“We started off at a time when in solution target enrichment was not yet available, and relied, initially, on array-based enrichment,” says Edwin Cuppen, Ph.D., professor of genome biology and human genetics at the Hubrecht Institute, KNAW.
Array-based capture is technically laborious, and this is one of the reasons why the field has increasingly moved toward solution-based enrichment. “The weakest point from a diagnostic perspective is when certain bases are not covered well, and for this reason, we found microarrays to be much better for enrichment, because they provide higher and more even coverage,” explains Dr. Cuppen.
In an attempt to scale microarray-based enrichment, Dr. Cuppen and collaborators barcoded the index samples prior to sequencing and enrichment. “Instead of several enrichments in parallel, we wanted to see if we can mix the samples together and perform one enrichment,” explains Dr. Cuppen, who with his group illustrated the feasibility and the strength of this approach.

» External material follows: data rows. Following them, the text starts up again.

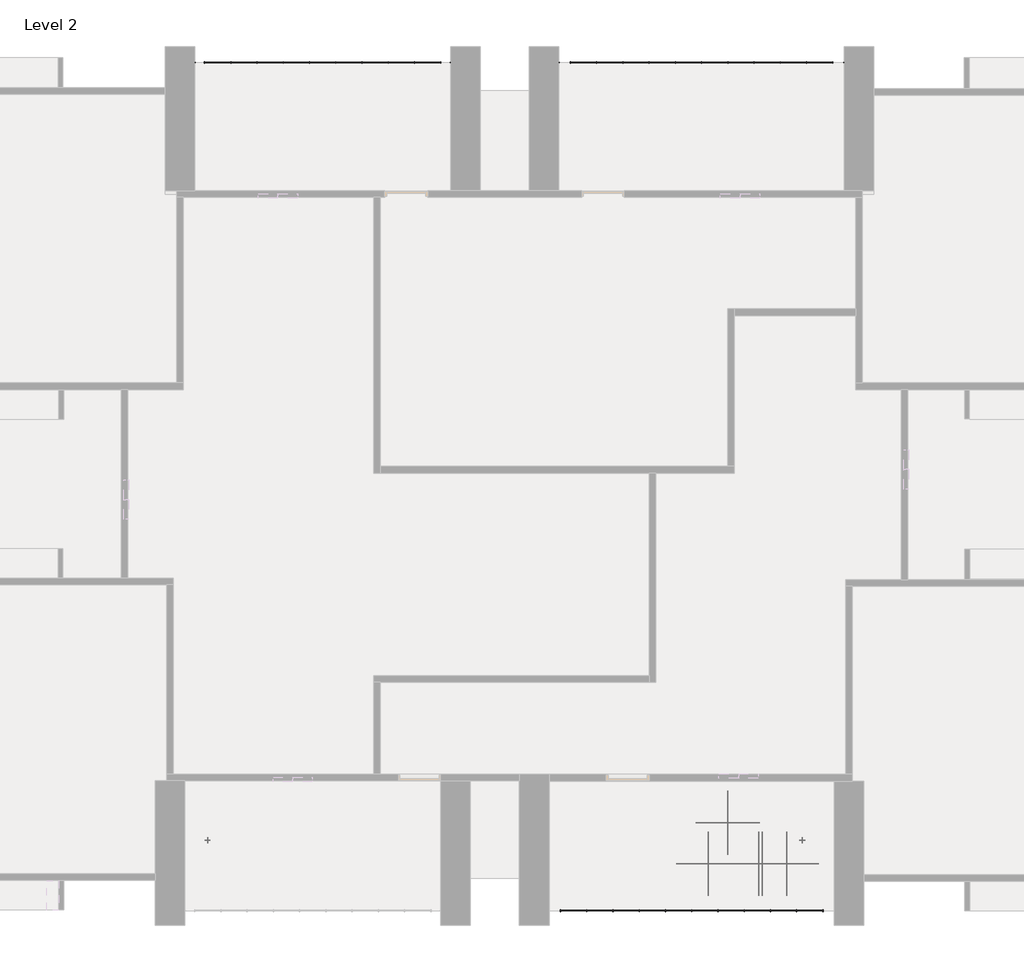
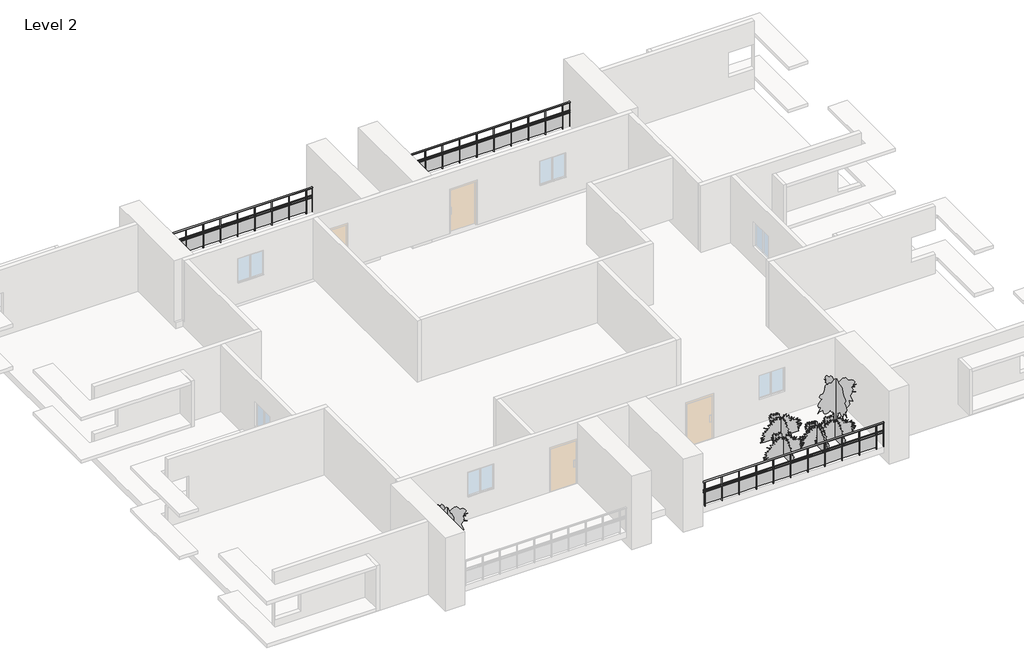
# One storey, part 4 of 4: 7 geographic elements, 3 railings.
"""IFC4 building model written with IfcOpenShell, lengths in millimetres."""

from ifc_helpers import new_model, si_unit, point, frame, origin, place, context, project, spatial, polyline, ellipse_curve, trimmed, outline, extrude, transform, mapped, element, save
from ifc_brep_helpers import plane_surface, extruded_surface, advanced_brep
from components import geographic_element_3d6ded1d, rpc_tree_tropical_d7a905c7

model = new_model("IFC4")

# Units and contexts
model_context = context("Model", 3, world=origin())
ifc_project = project(units=[si_unit("LENGTHUNIT", "METRE", prefix="MILLI")], contexts=[model_context])

# Site, building, storey
site = spatial("IfcSite", under=ifc_project)
building = spatial("IfcBuilding", under=site)
storey = spatial("IfcBuildingStorey", under=building, Name="Level 2", Elevation=3048.0)

# Geographic elements
placement = place(None, origin())
geographic_element_shape = geographic_element_3d6ded1d(model_context)
element("IfcGeographicElement", 1, ObjectType="RPC Shrub : Fountain Grass 3'-6\"", at=placement, inside=storey, context=model_context, shape_type="MappedRepresentation", body=[
    mapped(geographic_element_shape, transform((9500.2520665, -7929.230811, 3657.6), x_axis=(1.0, 0.0, 0.0), y_axis=(0.0, 1.0, 0.0), z_axis=(0.0, 0.0, 1.0))),
])
element("IfcGeographicElement", 2, ObjectType="RPC Shrub : Fountain Grass 3'-6\"", at=placement, inside=storey, context=model_context, shape_type="MappedRepresentation", body=[
    mapped(geographic_element_shape, transform((11938.6520665, -7929.230811, 3657.6), x_axis=(1.0, 0.0, 0.0), y_axis=(0.0, 1.0, 0.0), z_axis=(0.0, 0.0, 1.0))),
])
element("IfcGeographicElement", 3, ObjectType="RPC Shrub : Fountain Grass 3'-6\"", at=placement, inside=storey, context=model_context, shape_type="MappedRepresentation", body=[
    mapped(geographic_element_shape, transform((11176.6520665, -7929.230811, 3657.6), x_axis=(1.0, 0.0, 0.0), y_axis=(0.0, 1.0, 0.0), z_axis=(0.0, 0.0, 1.0))),
])
element("IfcGeographicElement", 4, ObjectType="RPC Shrub : Fountain Grass 3'-6\"", at=placement, inside=storey, context=model_context, shape_type="MappedRepresentation", body=[
    mapped(geographic_element_shape, transform((11075.0520665, -7929.230811, 3657.6), x_axis=(1.0, 0.0, 0.0), y_axis=(0.0, 1.0, 0.0), z_axis=(0.0, 0.0, 1.0))),
])
element("IfcGeographicElement", 5, ObjectType="RPC Shrub : Fountain Grass 3'-6\"", at=placement, inside=storey, context=model_context, shape_type="MappedRepresentation", body=[
    mapped(geographic_element_shape, transform((10109.8520665, -6659.230811, 3657.6), x_axis=(1.0, 0.0, 0.0), y_axis=(0.0, 1.0, 0.0), z_axis=(0.0, 0.0, 1.0))),
])
rpc_tree_tropical_shape = rpc_tree_tropical_d7a905c7(model_context)
element("IfcGeographicElement", 6, ObjectType="RPC Tree - Tropical", at=placement, inside=storey, context=model_context, shape_type="MappedRepresentation", body=[
    mapped(rpc_tree_tropical_shape, transform((-5993.7479335, -7192.630811, 3657.6), x_axis=(1.0, 0.0, 0.0), y_axis=(0.0, 1.0, 0.0), z_axis=(0.0, 0.0, 1.0))),
])
element("IfcGeographicElement", 7, ObjectType="RPC Tree - Tropical", at=placement, inside=storey, context=model_context, shape_type="MappedRepresentation", body=[
    mapped(rpc_tree_tropical_shape, transform((12421.2520665, -7192.630811, 3657.6), x_axis=(1.0, 0.0, 0.0), y_axis=(0.0, 1.0, 0.0), z_axis=(0.0, 0.0, 1.0))),
])

# Railings
element("IfcRailing", 8, ObjectType="Glass Panel - Bottom Fill", at=placement, inside=storey, context=model_context, shape_type="SolidModel", body=[
    advanced_brep(
    [(4572.6520665, -9342.282663, 4876.8), (4572.6520665, -9418.482663, 4876.8), (13411.8520665, -9342.282663, 4876.8), (13411.8520665, -9418.482663, 4876.8)],
    [
        (0, 1, ellipse_curve(frame((4572.6520665, -9380.382663, 4876.8), z_axis=(-1.0, 0.0, 0.0), x_axis=(0.0, -1.0, 0.0)), 38.1, 28.575)),
        (1, 0, ellipse_curve(frame((4572.6520665, -9380.382663, 4876.8), z_axis=(-1.0, 0.0, 0.0), x_axis=(0.0, -1.0, 0.0)), 38.1, 28.575)),
        (2, 3, ellipse_curve(frame((13411.8520665, -9380.382663, 4876.8), z_axis=(1.0, 0.0, 0.0), x_axis=(0.0, -1.0, 0.0)), 38.1, 28.575)),
        (3, 2, ellipse_curve(frame((13411.8520665, -9380.382663, 4876.8), z_axis=(1.0, 0.0, 0.0), x_axis=(0.0, -1.0, 0.0)), 38.1, 28.575)),
        (0, 2),
        (3, 1),
    ],
    [
        plane_surface(frame((4572.6520665, -9380.382663, 4876.8), z_axis=(-1.0, 0.0, 0.0), x_axis=(0.0, 1.0, 0.0))),
        plane_surface(frame((13411.8520665, -9380.382663, 4876.8), z_axis=(1.0, 0.0, 0.0), x_axis=(0.0, 1.0, 0.0))),
        extruded_surface(trimmed(ellipse_curve(frame((13411.8520665, -9380.382663, 4876.8), z_axis=(-1.0, 0.0, 0.0), x_axis=(0.0, -1.0, 0.0)), 38.1, 28.575), [point((13411.8520665, -9342.282663, 4876.8))], [point((13411.8520665, -9418.482663, 4876.8))], True, "CARTESIAN"), (-8839.2, 0.0, 0.0), 8839.2),
        extruded_surface(trimmed(ellipse_curve(frame((13411.8520665, -9380.382663, 4876.8), z_axis=(-1.0, 0.0, 0.0), x_axis=(0.0, -1.0, 0.0)), 38.1, 28.575), [point((13411.8520665, -9418.482663, 4876.8))], [point((13411.8520665, -9342.282663, 4876.8))], True, "CARTESIAN"), (-8839.2, 0.0, 0.0), 8839.2),
    ],
    [
        (0, [[1, 2]]),
        (1, [[3, 4]]),
        (2, [[-1, 5, -4, 6]]),
        (3, [[-2, -6, -3, -5]]),
    ],
),
    extrude(outline(polyline([(4572.6520665, -9393.082663), (4572.6520665, -9367.682663), (13411.8520665, -9367.682663), (13411.8520665, -9393.082663), (4572.6520665, -9393.082663)])), frame((0.0, 0.0, 4457.7), z_axis=(0.0, 0.0, 1.0), x_axis=(1.0, 0.0, 0.0)), (0.0, 0.0, 1.0), 25.4),
    extrude(outline(polyline([(4572.6520665, -9393.082663), (4572.6520665, -9367.682663), (13411.8520665, -9367.682663), (13411.8520665, -9393.082663), (4572.6520665, -9393.082663)])), frame((0.0, 0.0, 4356.1), z_axis=(0.0, 0.0, 1.0), x_axis=(1.0, 0.0, 0.0)), (0.0, 0.0, 1.0), 25.4),
    extrude(outline(polyline([(13049.9020665, -9405.782663), (13049.9020665, -9354.982663), (13062.6020665, -9354.982663), (13062.6020665, -9405.782663), (13049.9020665, -9405.782663)])), frame((0.0, 0.0, 3657.6), z_axis=(0.0, 0.0, 1.0), x_axis=(1.0, 0.0, 0.0)), (0.0, 0.0, 1.0), 1190.4788223),
    extrude(outline(polyline([(12243.4520665, -9373.847506), (13056.2520665, -9373.847506), (13056.2520665, -9380.197506), (12243.4520665, -9380.197506), (12243.4520665, -9373.847506)])), frame((0.0, 0.0, 3759.2), z_axis=(0.0, 0.0, 1.0), x_axis=(1.0, 0.0, 0.0)), (0.0, 0.0, 1.0), 596.9),
    extrude(outline(polyline([(12237.1020665, -9405.782663), (12237.1020665, -9354.982663), (12249.8020665, -9354.982663), (12249.8020665, -9405.782663), (12237.1020665, -9405.782663)])), frame((0.0, 0.0, 3657.6), z_axis=(0.0, 0.0, 1.0), x_axis=(1.0, 0.0, 0.0)), (0.0, 0.0, 1.0), 1190.4788223),
    extrude(outline(polyline([(11430.6520665, -9373.847506), (12243.4520665, -9373.847506), (12243.4520665, -9380.197506), (11430.6520665, -9380.197506), (11430.6520665, -9373.847506)])), frame((0.0, 0.0, 3759.2), z_axis=(0.0, 0.0, 1.0), x_axis=(1.0, 0.0, 0.0)), (0.0, 0.0, 1.0), 596.9),
    extrude(outline(polyline([(11424.3020665, -9405.782663), (11424.3020665, -9354.982663), (11437.0020665, -9354.982663), (11437.0020665, -9405.782663), (11424.3020665, -9405.782663)])), frame((0.0, 0.0, 3657.6), z_axis=(0.0, 0.0, 1.0), x_axis=(1.0, 0.0, 0.0)), (0.0, 0.0, 1.0), 1190.4788223),
    extrude(outline(polyline([(10617.8520665, -9373.847506), (11430.6520665, -9373.847506), (11430.6520665, -9380.197506), (10617.8520665, -9380.197506), (10617.8520665, -9373.847506)])), frame((0.0, 0.0, 3759.2), z_axis=(0.0, 0.0, 1.0), x_axis=(1.0, 0.0, 0.0)), (0.0, 0.0, 1.0), 596.9),
    extrude(outline(polyline([(10611.5020665, -9405.782663), (10611.5020665, -9354.982663), (10624.2020665, -9354.982663), (10624.2020665, -9405.782663), (10611.5020665, -9405.782663)])), frame((0.0, 0.0, 3657.6), z_axis=(0.0, 0.0, 1.0), x_axis=(1.0, 0.0, 0.0)), (0.0, 0.0, 1.0), 1190.4788223),
    extrude(outline(polyline([(9805.0520665, -9373.847506), (10617.8520665, -9373.847506), (10617.8520665, -9380.197506), (9805.0520665, -9380.197506), (9805.0520665, -9373.847506)])), frame((0.0, 0.0, 3759.2), z_axis=(0.0, 0.0, 1.0), x_axis=(1.0, 0.0, 0.0)), (0.0, 0.0, 1.0), 596.9),
    extrude(outline(polyline([(9798.7020665, -9405.782663), (9798.7020665, -9354.982663), (9811.4020665, -9354.982663), (9811.4020665, -9405.782663), (9798.7020665, -9405.782663)])), frame((0.0, 0.0, 3657.6), z_axis=(0.0, 0.0, 1.0), x_axis=(1.0, 0.0, 0.0)), (0.0, 0.0, 1.0), 1190.4788223),
    extrude(outline(polyline([(8992.2520665, -9373.847506), (9805.0520665, -9373.847506), (9805.0520665, -9380.197506), (8992.2520665, -9380.197506), (8992.2520665, -9373.847506)])), frame((0.0, 0.0, 3759.2), z_axis=(0.0, 0.0, 1.0), x_axis=(1.0, 0.0, 0.0)), (0.0, 0.0, 1.0), 596.9),
    extrude(outline(polyline([(8985.9020665, -9405.782663), (8985.9020665, -9354.982663), (8998.6020665, -9354.982663), (8998.6020665, -9405.782663), (8985.9020665, -9405.782663)])), frame((0.0, 0.0, 3657.6), z_axis=(0.0, 0.0, 1.0), x_axis=(1.0, 0.0, 0.0)), (0.0, 0.0, 1.0), 1190.4788223),
    extrude(outline(polyline([(8179.4520665, -9373.847506), (8992.2520665, -9373.847506), (8992.2520665, -9380.197506), (8179.4520665, -9380.197506), (8179.4520665, -9373.847506)])), frame((0.0, 0.0, 3759.2), z_axis=(0.0, 0.0, 1.0), x_axis=(1.0, 0.0, 0.0)), (0.0, 0.0, 1.0), 596.9),
    extrude(outline(polyline([(8173.1020665, -9405.782663), (8173.1020665, -9354.982663), (8185.8020665, -9354.982663), (8185.8020665, -9405.782663), (8173.1020665, -9405.782663)])), frame((0.0, 0.0, 3657.6), z_axis=(0.0, 0.0, 1.0), x_axis=(1.0, 0.0, 0.0)), (0.0, 0.0, 1.0), 1190.4788223),
    extrude(outline(polyline([(7366.6520665, -9373.847506), (8179.4520665, -9373.847506), (8179.4520665, -9380.197506), (7366.6520665, -9380.197506), (7366.6520665, -9373.847506)])), frame((0.0, 0.0, 3759.2), z_axis=(0.0, 0.0, 1.0), x_axis=(1.0, 0.0, 0.0)), (0.0, 0.0, 1.0), 596.9),
    extrude(outline(polyline([(7360.3020665, -9405.782663), (7360.3020665, -9354.982663), (7373.0020665, -9354.982663), (7373.0020665, -9405.782663), (7360.3020665, -9405.782663)])), frame((0.0, 0.0, 3657.6), z_axis=(0.0, 0.0, 1.0), x_axis=(1.0, 0.0, 0.0)), (0.0, 0.0, 1.0), 1190.4788223),
    extrude(outline(polyline([(6553.8520665, -9373.847506), (7366.6520665, -9373.847506), (7366.6520665, -9380.197506), (6553.8520665, -9380.197506), (6553.8520665, -9373.847506)])), frame((0.0, 0.0, 3759.2), z_axis=(0.0, 0.0, 1.0), x_axis=(1.0, 0.0, 0.0)), (0.0, 0.0, 1.0), 596.9),
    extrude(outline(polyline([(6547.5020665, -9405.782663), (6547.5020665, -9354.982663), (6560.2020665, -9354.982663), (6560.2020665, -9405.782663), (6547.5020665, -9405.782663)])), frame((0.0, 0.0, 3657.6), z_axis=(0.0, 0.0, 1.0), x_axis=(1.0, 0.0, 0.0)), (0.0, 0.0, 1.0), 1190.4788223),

Target enrichment of individually multiplexed barcoded samples was performed with Life Technologies’ Applied Biosystems SOLiD-based next-generation sequencing technology in a single assay. This approach enabled coverage of the complete coding sequence of 770 genes from a 1.4 Mb genomic region, and identified new variants with over 96% sensitivity, while the false positive rate remained lower than one in eight Mb.
More recently, Dr. Cuppen and colleagues also illustrated the feasibility of this strategy for solution-based target enrichment, and successfully used this highly flexible and scalable setup for a wide range of multiplexing applications.
In 2007, Richard A. Gibbs, Ph.D., professor and director of the human genome sequencing center at Baylor College of Medicine, together with colleagues from Roche NimbleGen published one of the first reports on the use of solid-based hybridization based enrichment of human genomic regions by programmable custom high-density oligonucleotide microarrays. “We have incrementally improved our reagents since then,” says Dr. Gibbs.
Most recently, Dr. Gibbs and colleagues described a liquid-phase hybridization platform that uses biotinylated oligonucleotide probes, and introduced additional design changes to include more genes than the narrow consensus coding DNA sequence (CCDS) set, which frequently guides the design of custom probes but excludes many computationally predicted or actual coding exons present in other databases.
To expand the regions examined during target enrichment, the investigators included two new reagents. The first one, VCR-set, includes microRNAs, Vega (the Vertebrate Genome Annotation Database), CCDS, and the RefSeq databases. The second capture design reagent, REC-set, additionally includes regulomes, exons, and conserved elements. By using these reagents, Dr. Gibbs and his team conducted the first genome-wide targeted capture analysis of a diverse set of biologically relevant genomic elements, and revealed decreased capture of variants located outside the CCDS regions as compared to the CCDS exome.
The results also showed that conserved untranslated regions, which are approximately 30% GC rich, and regulatory regions, which are approximately 70% GC rich, had approximately half of the depth sequence coverage following the capture procedure when compared to the CCDS regions, demonstrating the need to increase coverage in genomic regions that are different from CCDS.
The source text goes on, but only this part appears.